Write: a 2-3 sentence summary, the root cause, a concrete suggested fix (file:line where
possible), confidence level, and next steps (further verification, monitoring, follow-ups).
Confidence defaults if the report omits it: S==1 → high, S>1 → medium, S==0 → low.
Output format
Render the final REPORT_SCHEMA object as Markdown:
# Investigation — <one-line incident>
**Summary:** <summary>
## Root cause
<rootCause> (confidence: <high|medium|low>)
## Suggested fix
<suggestedFix> (file:line where possible)
## Next steps
- <step 1>
- <step 2>
## Hypotheses
**Survived (<S>):**
- <angle> — <hypothesis> (suspect: <file:line or none>)
**Refuted (<R>):**
- <angle> — <hypothesis> — refuted: <verifier evidence>
## Evidence
1. <evidence[0]>
2. <evidence[1]>
...
Notes
- This is investigation only — produce a report, do not apply the fix. Acting on the fix is a separate, human-gated step.

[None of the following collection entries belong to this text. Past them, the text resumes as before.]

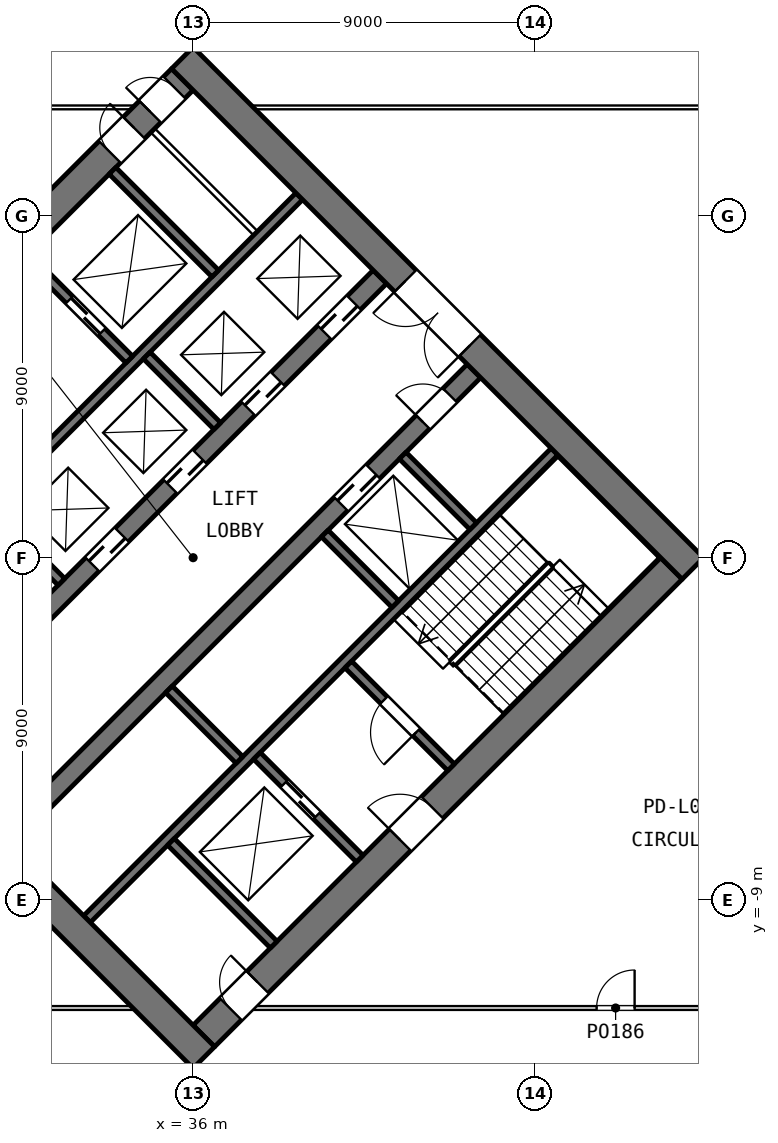
"""IFC4 building model, lengths in metres.
Left out: names, types, materials, properties, quantities, classifications, styles, units other than length and angle.
Written with IfcOpenShell. Run it as: python <this file> out.ifc"""

import sys

from ifc_helpers import new_model, si_unit, direction, frame, frame_2d, origin, place, context, subcontext, project, spatial, rectangle, extrude, element, fill, save


model = new_model("IFC4")
c1 = context("Model", 3, precision=1e-05, world=origin(), true_north=direction((0.0, 1.0)))
c2 = subcontext(c1, "Body", "Model", "MODEL_VIEW")
j1 = project(units=[si_unit("LENGTHUNIT", "METRE"), si_unit("PLANEANGLEUNIT", "RADIAN")], contexts=[c1])
p1 = place(None, origin())
s1 = spatial("IfcSite", under=j1, at=p1, CompositionType="ELEMENT")
p2 = place(p1, origin())
s2 = spatial("IfcBuilding", under=s1, at=p2, CompositionType="ELEMENT")
p3 = place(p2, frame((0.0, 0.0, 18.0)))
s3 = spatial("IfcBuildingStorey", under=s2, at=p3, CompositionType="ELEMENT", Elevation=18.0)
p4 = place(p3, frame((36.283, -12.586, 0.0), z_axis=(0.0, 0.0, 1.0), x_axis=(0.707106781187, 0.707106781187, 0.0)))
e1 = element("IfcWall", 1, at=p4, inside=s3, PredefinedType="SHEAR", context=c2, shape_type="SweptSolid", body=[
    extrude(rectangle(XDim=17.4, YDim=0.8, at=frame_2d((8.7, 0.0))), origin(), (0.0, 0.0, 1.0), 4.5),
])
p5 = place(p4, frame((7.3, 0.0, 0.0)))
e2 = element("IfcOpeningElement", 2, at=p5, cuts=e1, PredefinedType="OPENING", context=c2, shape_type="SweptSolid", body=[
    extrude(rectangle(XDim=1.2, YDim=2.1, at=frame_2d((0.6, 1.05))), frame((0.0, 0.41, 0.0), z_axis=(0.0, -1.0, 0.0), x_axis=(1.0, 0.0, 0.0)), (0.0, 0.0, 1.0), 0.82),
])
p6 = place(p4, frame((1.0, 0.0, 0.0)))
e3 = element("IfcOpeningElement", 3, at=p6, cuts=e1, PredefinedType="OPENING", context=c2, shape_type="SweptSolid", body=[
    extrude(rectangle(XDim=1.0, YDim=2.1, at=frame_2d((0.5, 1.05))), frame((0.0, 0.41, 0.0), z_axis=(0.0, -1.0, 0.0), x_axis=(1.0, 0.0, 0.0)), (0.0, 0.0, 1.0), 0.82),
])
p7 = place(p3, frame((33.207, -9.51, 0.0), z_axis=(0.0, 0.0, 1.0), x_axis=(0.707106781187, 0.707106781187, 0.0)))
e4 = element("IfcWall", 4, at=p7, inside=s3, PredefinedType="SHEAR", context=c2, shape_type="SweptSolid", body=[
    extrude(rectangle(XDim=17.4, YDim=0.25, at=frame_2d((8.7, 0.0))), origin(), (0.0, 0.0, 1.0), 4.5),
])
p8 = place(p3, frame((31.086, -7.389, 0.0), z_axis=(0.0, 0.0, 1.0), x_axis=(0.707106781187, 0.707106781187, 0.0)))
e5 = element("IfcWall", 5, at=p8, inside=s3, PredefinedType="SHEAR", context=c2, shape_type="SweptSolid", body=[
    extrude(rectangle(XDim=17.4, YDim=0.5, at=frame_2d((8.7, 0.0))), origin(), (0.0, 0.0, 1.0), 4.5),
])
p9 = place(p8, frame((12.45, 0.0, 0.0)))
e6 = element("IfcOpeningElement", 6, at=p9, cuts=e5, PredefinedType="OPENING", context=c2, shape_type="SweptSolid", body=[
    extrude(rectangle(XDim=1.2, YDim=2.1, at=frame_2d((0.6, 1.05))), frame((0.0, 0.26, 0.0), z_axis=(0.0, -1.0, 0.0), x_axis=(1.0, 0.0, 0.0)), (0.0, 0.0, 1.0), 0.52),
])
p10 = place(p8, frame((15.5, 0.0, 0.0)))
e7 = element("IfcOpeningElement", 7, at=p10, cuts=e5, PredefinedType="OPENING", context=c2, shape_type="SweptSolid", body=[
    extrude(rectangle(XDim=1.0, YDim=2.1, at=frame_2d((0.5, 1.05))), frame((0.0, 0.26, 0.0), z_axis=(0.0, -1.0, 0.0), x_axis=(1.0, 0.0, 0.0)), (0.0, 0.0, 1.0), 0.52),
])
p11 = place(p3, frame((28.611, -4.914, 0.0), z_axis=(0.0, 0.0, 1.0), x_axis=(0.707106781187, 0.707106781187, 0.0)))
e8 = element("IfcWall", 8, at=p11, inside=s3, PredefinedType="SHEAR", context=c2, shape_type="SweptSolid", body=[
    extrude(rectangle(XDim=17.4, YDim=0.5, at=frame_2d((8.7, 0.0))), origin(), (0.0, 0.0, 1.0), 4.5),
])
p12 = place(p11, frame((0.962, 0.0, 0.0)))
e9 = element("IfcOpeningElement", 9, at=p12, cuts=e8, PredefinedType="OPENING", context=c2, shape_type="SweptSolid", body=[
    extrude(rectangle(XDim=1.1, YDim=2.1, at=frame_2d((0.55, 1.05))), frame((0.0, 0.26, 0.0), z_axis=(0.0, -1.0, 0.0), x_axis=(1.0, 0.0, 0.0)), (0.0, 0.0, 1.0), 0.52),
])
p13 = place(p11, frame((3.8, 0.0, 0.0)))
e10 = element("IfcOpeningElement", 10, at=p13, cuts=e8, PredefinedType="OPENING", context=c2, shape_type="SweptSolid", body=[
    extrude(rectangle(XDim=1.1, YDim=2.1, at=frame_2d((0.55, 1.05))), frame((0.0, 0.26, 0.0), z_axis=(0.0, -1.0, 0.0), x_axis=(1.0, 0.0, 0.0)), (0.0, 0.0, 1.0), 0.52),
])
p14 = place(p11, frame((6.7, 0.0, 0.0)))
e11 = element("IfcOpeningElement", 11, at=p14, cuts=e8, PredefinedType="OPENING", context=c2, shape_type="SweptSolid", body=[
    extrude(rectangle(XDim=1.1, YDim=2.1, at=frame_2d((0.55, 1.05))), frame((0.0, 0.26, 0.0), z_axis=(0.0, -1.0, 0.0), x_axis=(1.0, 0.0, 0.0)), (0.0, 0.0, 1.0), 0.52),
])
p15 = place(p11, frame((9.6, 0.0, 0.0)))
e12 = element("IfcOpeningElement", 12, at=p15, cuts=e8, PredefinedType="OPENING", context=c2, shape_type="SweptSolid", body=[
    extrude(rectangle(XDim=1.1, YDim=2.1, at=frame_2d((0.55, 1.05))), frame((0.0, 0.26, 0.0), z_axis=(0.0, -1.0, 0.0), x_axis=(1.0, 0.0, 0.0)), (0.0, 0.0, 1.0), 0.52),
])
p16 = place(p11, frame((12.5, 0.0, 0.0)))
e13 = element("IfcOpeningElement", 13, at=p16, cuts=e8, PredefinedType="OPENING", context=c2, shape_type="SweptSolid", body=[
    extrude(rectangle(XDim=1.1, YDim=2.1, at=frame_2d((0.55, 1.05))), frame((0.0, 0.26, 0.0), z_axis=(0.0, -1.0, 0.0), x_axis=(1.0, 0.0, 0.0)), (0.0, 0.0, 1.0), 0.52),
])
p17 = place(p11, frame((15.337, 0.0, 0.0)))
e14 = element("IfcOpeningElement", 14, at=p17, cuts=e8, PredefinedType="OPENING", context=c2, shape_type="SweptSolid", body=[
    extrude(rectangle(XDim=1.1, YDim=2.1, at=frame_2d((0.55, 1.05))), frame((0.0, 0.26, 0.0), z_axis=(0.0, -1.0, 0.0), x_axis=(1.0, 0.0, 0.0)), (0.0, 0.0, 1.0), 0.52),
])
p18 = place(p3, frame((26.49, -2.793, 0.0), z_axis=(0.0, 0.0, 1.0), x_axis=(0.707106781187, 0.707106781187, 0.0)))
e15 = element("IfcWall", 15, at=p18, inside=s3, PredefinedType="SHEAR", context=c2, shape_type="SweptSolid", body=[
    extrude(rectangle(XDim=17.4, YDim=0.25, at=frame_2d((8.7, 0.0))), origin(), (0.0, 0.0, 1.0), 4.5),
])
p19 = place(p3, frame((23.414, 0.283, 0.0), z_axis=(0.0, 0.0, 1.0), x_axis=(0.707106781187, 0.707106781187, 0.0)))
e16 = element("IfcWall", 16, at=p19, inside=s3, PredefinedType="SHEAR", context=c2, shape_type="SweptSolid", body=[
    extrude(rectangle(XDim=17.4, YDim=0.8, at=frame_2d((8.7, 0.0))), origin(), (0.0, 0.0, 1.0), 4.5),
])
p20 = place(p19, frame((8.9, 0.0, 0.0)))
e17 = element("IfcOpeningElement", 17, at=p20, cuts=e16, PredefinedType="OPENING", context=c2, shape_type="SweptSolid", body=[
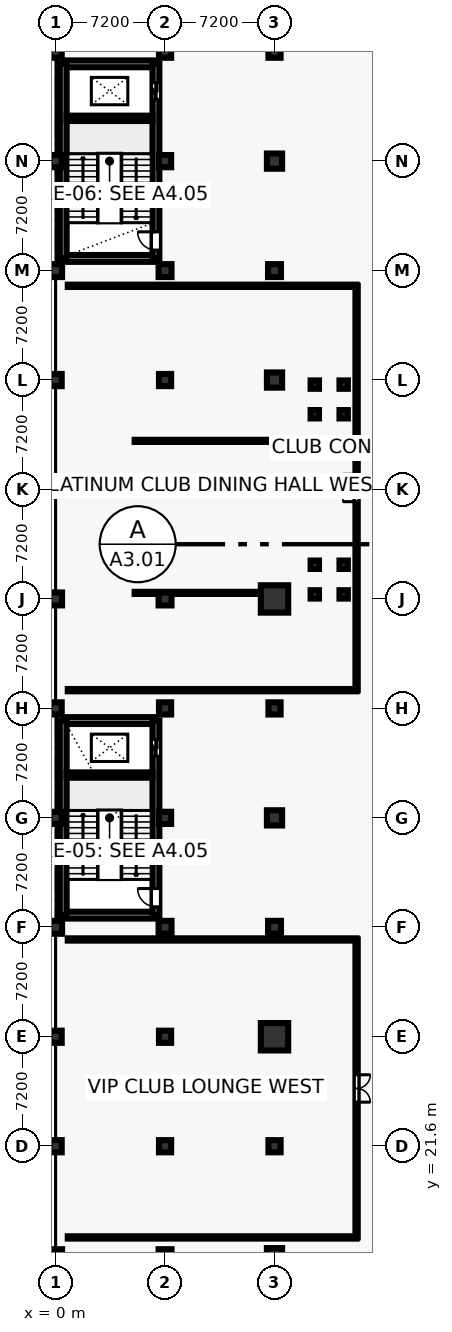
"""IFC4 building model, lengths in metres.
Left out: names, types, materials, properties, quantities, classifications, styles, units other than length and angle.
Written with IfcOpenShell. Run it as: python <this file> out.ifc"""

import sys

from ifc_helpers import new_model, si_unit, direction, frame, frame_2d, origin, origin_2d, place, context, subcontext, project, spatial, rectangle, circle, extrude, element, fill, save


model = new_model("IFC4")
c1 = context("Model", 3, precision=1e-05, world=origin(), true_north=direction((0.0, 1.0)))
c2 = subcontext(c1, "Body", "Model", "MODEL_VIEW")
j1 = project(units=[si_unit("LENGTHUNIT", "METRE"), si_unit("PLANEANGLEUNIT", "RADIAN")], contexts=[c1])
p1 = place(None, origin())
s1 = spatial("IfcSite", under=j1, at=p1, CompositionType="ELEMENT")
p2 = place(p1, origin())
s2 = spatial("IfcBuilding", under=s1, at=p2, CompositionType="ELEMENT")
p3 = place(p2, frame((0.0, 0.0, 5.4)))
s3 = spatial("IfcBuildingStorey", under=s2, at=p3, CompositionType="ELEMENT", Elevation=5.4)
p4 = place(p3, frame((0.0, 14.4, 0.0), z_axis=(0.0, 0.0, 1.0), x_axis=(1.0, 0.0, 0.0)))
e1 = element("IfcColumn", 1, at=p4, inside=s3, PredefinedType="COLUMN", context=c2, shape_type="SweptSolid", body=[
    extrude(rectangle(XDim=0.85, YDim=0.85, at=origin_2d()), origin(), (0.0, 0.0, 1.0), 4.2),
])
p5 = place(p3, frame((0.0, 21.6, 0.0), z_axis=(0.0, 0.0, 1.0), x_axis=(1.0, 0.0, 0.0)))
e2 = element("IfcColumn", 2, at=p5, inside=s3, PredefinedType="COLUMN", context=c2, shape_type="SweptSolid", body=[
    extrude(rectangle(XDim=0.8, YDim=0.8, at=origin_2d()), origin(), (0.0, 0.0, 1.0), 4.2),
])
p6 = place(p3, frame((0.0, 28.8, 0.0), z_axis=(0.0, 0.0, 1.0), x_axis=(1.0, 0.0, 0.0)))
e3 = element("IfcColumn", 3, at=p6, inside=s3, PredefinedType="COLUMN", context=c2, shape_type="SweptSolid", body=[
    extrude(circle(Radius=0.4, at=origin_2d()), origin(), (0.0, 0.0, 1.0), 4.2),
])
p7 = place(p3, frame((0.0, 36.0, 0.0), z_axis=(0.0, 0.0, 1.0), x_axis=(1.0, 0.0, 0.0)))
e4 = element("IfcColumn", 4, at=p7, inside=s3, PredefinedType="COLUMN", context=c2, shape_type="SweptSolid", body=[
    extrude(rectangle(XDim=0.85, YDim=0.85, at=origin_2d()), origin(), (0.0, 0.0, 1.0), 4.2),
])
p8 = place(p3, frame((0.0, 43.2, 0.0), z_axis=(0.0, 0.0, 1.0), x_axis=(1.0, 0.0, 0.0)))
e5 = element("IfcColumn", 5, at=p8, inside=s3, PredefinedType="COLUMN", context=c2, shape_type="SweptSolid", body=[
    extrude(rectangle(XDim=0.8, YDim=0.8, at=origin_2d()), origin(), (0.0, 0.0, 1.0), 4.2),
])
p9 = place(p3, frame((0.0, 50.4, 0.0), z_axis=(0.0, 0.0, 1.0), x_axis=(1.0, 0.0, 0.0)))
e6 = element("IfcColumn", 6, at=p9, inside=s3, PredefinedType="COLUMN", context=c2, shape_type="SweptSolid", body=[
    extrude(circle(Radius=0.4, at=origin_2d()), origin(), (0.0, 0.0, 1.0), 4.2),
])
p10 = place(p3, frame((0.0, 57.6, 0.0), z_axis=(0.0, 0.0, 1.0), x_axis=(1.0, 0.0, 0.0)))
e7 = element("IfcColumn", 7, at=p10, inside=s3, PredefinedType="COLUMN", context=c2, shape_type="SweptSolid", body=[
    extrude(rectangle(XDim=0.85, YDim=0.85, at=origin_2d()), origin(), (0.0, 0.0, 1.0), 4.2),
])
p11 = place(p3, frame((0.0, 64.8, 0.0), z_axis=(0.0, 0.0, 1.0), x_axis=(1.0, 0.0, 0.0)))
e8 = element("IfcColumn", 8, at=p11, inside=s3, PredefinedType="COLUMN", context=c2, shape_type="SweptSolid", body=[
    extrude(rectangle(XDim=0.8, YDim=0.8, at=origin_2d()), origin(), (0.0, 0.0, 1.0), 4.2),
])
p12 = place(p3, frame((0.0, 72.0, 0.0), z_axis=(0.0, 0.0, 1.0), x_axis=(1.0, 0.0, 0.0)))
e9 = element("IfcColumn", 9, at=p12, inside=s3, PredefinedType="COLUMN", context=c2, shape_type="SweptSolid", body=[
    extrude(circle(Radius=0.4, at=origin_2d()), origin(), (0.0, 0.0, 1.0), 4.2),
])
p13 = place(p3, frame((0.0, 79.2, 0.0), z_axis=(0.0, 0.0, 1.0), x_axis=(1.0, 0.0, 0.0)))
e10 = element("IfcColumn", 10, at=p13, inside=s3, PredefinedType="COLUMN", context=c2, shape_type="SweptSolid", body=[
    extrude(rectangle(XDim=0.85, YDim=0.85, at=origin_2d()), origin(), (0.0, 0.0, 1.0), 4.2),
])
p14 = place(p3, frame((0.0, 86.4, 0.0), z_axis=(0.0, 0.0, 1.0), x_axis=(1.0, 0.0, 0.0)))
e11 = element("IfcColumn", 11, at=p14, inside=s3, PredefinedType="COLUMN", context=c2, shape_type="SweptSolid", body=[
    extrude(rectangle(XDim=0.8, YDim=0.8, at=origin_2d()), origin(), (0.0, 0.0, 1.0), 4.2),
])
p15 = place(p3, frame((0.0, 93.6, 0.0), z_axis=(0.0, 0.0, 1.0), x_axis=(1.0, 0.0, 0.0)))
e12 = element("IfcColumn", 12, at=p15, inside=s3, PredefinedType="COLUMN", context=c2, shape_type="SweptSolid", body=[
    extrude(circle(Radius=0.4, at=origin_2d()), origin(), (0.0, 0.0, 1.0), 4.2),
])
p16 = place(p3, frame((7.2, 14.4, 0.0), z_axis=(0.0, 0.0, 1.0), x_axis=(1.0, 0.0, 0.0)))
e13 = element("IfcColumn", 13, at=p16, inside=s3, PredefinedType="COLUMN", context=c2, shape_type="SweptSolid", body=[
    extrude(rectangle(XDim=0.85, YDim=0.85, at=origin_2d()), origin(), (0.0, 0.0, 1.0), 4.2),
])
p17 = place(p3, frame((7.2, 21.6, 0.0), z_axis=(0.0, 0.0, 1.0), x_axis=(1.0, 0.0, 0.0)))
e14 = element("IfcColumn", 14, at=p17, inside=s3, PredefinedType="COLUMN", context=c2, shape_type="SweptSolid", body=[
    extrude(rectangle(XDim=0.8, YDim=0.8, at=origin_2d()), origin(), (0.0, 0.0, 1.0), 4.2),
])
p18 = place(p3, frame((7.2, 28.8, 0.0), z_axis=(0.0, 0.0, 1.0), x_axis=(1.0, 0.0, 0.0)))
e15 = element("IfcColumn", 15, at=p18, inside=s3, PredefinedType="COLUMN", context=c2, shape_type="SweptSolid", body=[
    extrude(circle(Radius=0.4, at=origin_2d()), origin(), (0.0, 0.0, 1.0), 4.2),
])
p19 = place(p3, frame((7.2, 36.0, 0.0), z_axis=(0.0, 0.0, 1.0), x_axis=(1.0, 0.0, 0.0)))
e16 = element("IfcColumn", 16, at=p19, inside=s3, PredefinedType="COLUMN", context=c2, shape_type="SweptSolid", body=[
    extrude(rectangle(XDim=0.85, YDim=0.85, at=origin_2d()), origin(), (0.0, 0.0, 1.0), 4.2),
])
p20 = place(p3, frame((7.2, 43.2, 0.0), z_axis=(0.0, 0.0, 1.0), x_axis=(1.0, 0.0, 0.0)))
e17 = element("IfcColumn", 17, at=p20, inside=s3, PredefinedType="COLUMN", context=c2, shape_type="SweptSolid", body=[
    extrude(rectangle(XDim=0.8, YDim=0.8, at=origin_2d()), origin(), (0.0, 0.0, 1.0), 4.2),
])
p21 = place(p3, frame((7.2, 50.4, 0.0), z_axis=(0.0, 0.0, 1.0), x_axis=(1.0, 0.0, 0.0)))
e18 = element("IfcColumn", 18, at=p21, inside=s3, PredefinedType="COLUMN", context=c2, shape_type="SweptSolid", body=[
    extrude(circle(Radius=0.4, at=origin_2d()), origin(), (0.0, 0.0, 1.0), 4.2),
])
p22 = place(p3, frame((7.2, 57.6, 0.0), z_axis=(0.0, 0.0, 1.0), x_axis=(1.0, 0.0, 0.0)))
e19 = element("IfcColumn", 19, at=p22, inside=s3, PredefinedType="COLUMN", context=c2, shape_type="SweptSolid", body=[
    extrude(rectangle(XDim=0.85, YDim=0.85, at=origin_2d()), origin(), (0.0, 0.0, 1.0), 4.2),
])
p23 = place(p3, frame((7.2, 64.8, 0.0), z_axis=(0.0, 0.0, 1.0), x_axis=(1.0, 0.0, 0.0)))
e20 = element("IfcColumn", 20, at=p23, inside=s3, PredefinedType="COLUMN", context=c2, shape_type="SweptSolid", body=[
    extrude(rectangle(XDim=0.8, YDim=0.8, at=origin_2d()), origin(), (0.0, 0.0, 1.0), 4.2),
])
p24 = place(p3, frame((7.2, 72.0, 0.0), z_axis=(0.0, 0.0, 1.0), x_axis=(1.0, 0.0, 0.0)))
e21 = element("IfcColumn", 21, at=p24, inside=s3, PredefinedType="COLUMN", context=c2, shape_type="SweptSolid", body=[
    extrude(circle(Radius=0.4, at=origin_2d()), origin(), (0.0, 0.0, 1.0), 4.2),
])
p25 = place(p3, frame((7.2, 79.2, 0.0), z_axis=(0.0, 0.0, 1.0), x_axis=(1.0, 0.0, 0.0)))
e22 = element("IfcColumn", 22, at=p25, inside=s3, PredefinedType="COLUMN", context=c2, shape_type="SweptSolid", body=[
    extrude(rectangle(XDim=0.85, YDim=0.85, at=origin_2d()), origin(), (0.0, 0.0, 1.0), 4.2),
])
p26 = place(p3, frame((7.2, 86.4, 0.0), z_axis=(0.0, 0.0, 1.0), x_axis=(1.0, 0.0, 0.0)))
e23 = element("IfcColumn", 23, at=p26, inside=s3, PredefinedType="COLUMN", context=c2, shape_type="SweptSolid", body=[
    extrude(rectangle(XDim=0.8, YDim=0.8, at=origin_2d()), origin(), (0.0, 0.0, 1.0), 4.2),
])
p27 = place(p3, frame((7.2, 93.6, 0.0), z_axis=(0.0, 0.0, 1.0), x_axis=(1.0, 0.0, 0.0)))
e24 = element("IfcColumn", 24, at=p27, inside=s3, PredefinedType="COLUMN", context=c2, shape_type="SweptSolid", body=[
    extrude(circle(Radius=0.4, at=origin_2d()), origin(), (0.0, 0.0, 1.0), 4.2),
])
p28 = place(p3, frame((14.4, 14.4, 0.0), z_axis=(0.0, 0.0, 1.0), x_axis=(1.0, 0.0, 0.0)))
e25 = element("IfcColumn", 25, at=p28, inside=s3, PredefinedType="COLUMN", context=c2, shape_type="SweptSolid", body=[
    extrude(circle(Radius=0.5, at=origin_2d()), origin(), (0.0, 0.0, 1.0), 4.2),
])
p29 = place(p3, frame((14.4, 21.6, 0.0), z_axis=(0.0, 0.0, 1.0), x_axis=(1.0, 0.0, 0.0)))
e26 = element("IfcColumn", 26, at=p29, inside=s3, PredefinedType="COLUMN", context=c2, shape_type="SweptSolid", body=[
    extrude(rectangle(XDim=0.8, YDim=0.8, at=origin_2d()), origin(), (0.0, 0.0, 1.0), 4.2),
])
p30 = place(p3, frame((14.4, 28.8, 0.0), z_axis=(0.0, 0.0, 1.0), x_axis=(1.0, 0.0, 0.0)))
e27 = element("IfcColumn", 27, at=p30, inside=s3, PredefinedType="COLUMN", context=c2, shape_type="SweptSolid", body=[
    extrude(circle(Radius=0.9, at=origin_2d()), origin(), (0.0, 0.0, 1.0), 4.2),
])
p31 = place(p3, frame((14.4, 36.0, 0.0), z_axis=(0.0, 0.0, 1.0), x_axis=(1.0, 0.0, 0.0)))
e28 = element("IfcColumn", 28, at=p31, inside=s3, PredefinedType="COLUMN", context=c2, shape_type="SweptSolid", body=[
    extrude(rectangle(XDim=0.85, YDim=0.85, at=origin_2d()), origin(), (0.0, 0.0, 1.0), 4.2),
])
p32 = place(p3, frame((14.4, 43.2, 0.0), z_axis=(0.0, 0.0, 1.0), x_axis=(1.0, 0.0, 0.0)))
e29 = element("IfcColumn", 29, at=p32, inside=s3, PredefinedType="COLUMN", context=c2, shape_type="SweptSolid", body=[
    extrude(circle(Radius=0.5, at=origin_2d()), origin(), (0.0, 0.0, 1.0), 4.2),
])
p33 = place(p3, frame((14.4, 50.4, 0.0), z_axis=(0.0, 0.0, 1.0), x_axis=(1.0, 0.0, 0.0)))
e30 = element("IfcColumn", 30, at=p33, inside=s3, PredefinedType="COLUMN", context=c2, shape_type="SweptSolid", body=[
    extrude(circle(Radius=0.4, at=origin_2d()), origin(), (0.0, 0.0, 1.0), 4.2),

- Keep Phase 1 strictly observational. If the gatherer starts theorizing, the parallel hypothesis phase loses its independence — that is the whole point of the split.
- The 3 angles are fixed and complementary on purpose (code vs data vs infra). Don't collapse them or add a 4th — the built-in uses exactly these three.
- The refutation pass is the load-bearing part. A hypothesis that "sounds right" but survives no adversarial check is worthless. Default to
refuted=true when a prediction fails; only refuted=false when every prediction holds.
- For read-heavy gather/refute work,
subagent_type: Explore is cheaper; use general-purpose where git blame or broader code reading is needed.
- Provenance: faithfully translated from Claude Code's built-in workflow. This plugin is a demo/preview of the upcoming native
/workflows feature — it works today via standard Agent/Task subagents.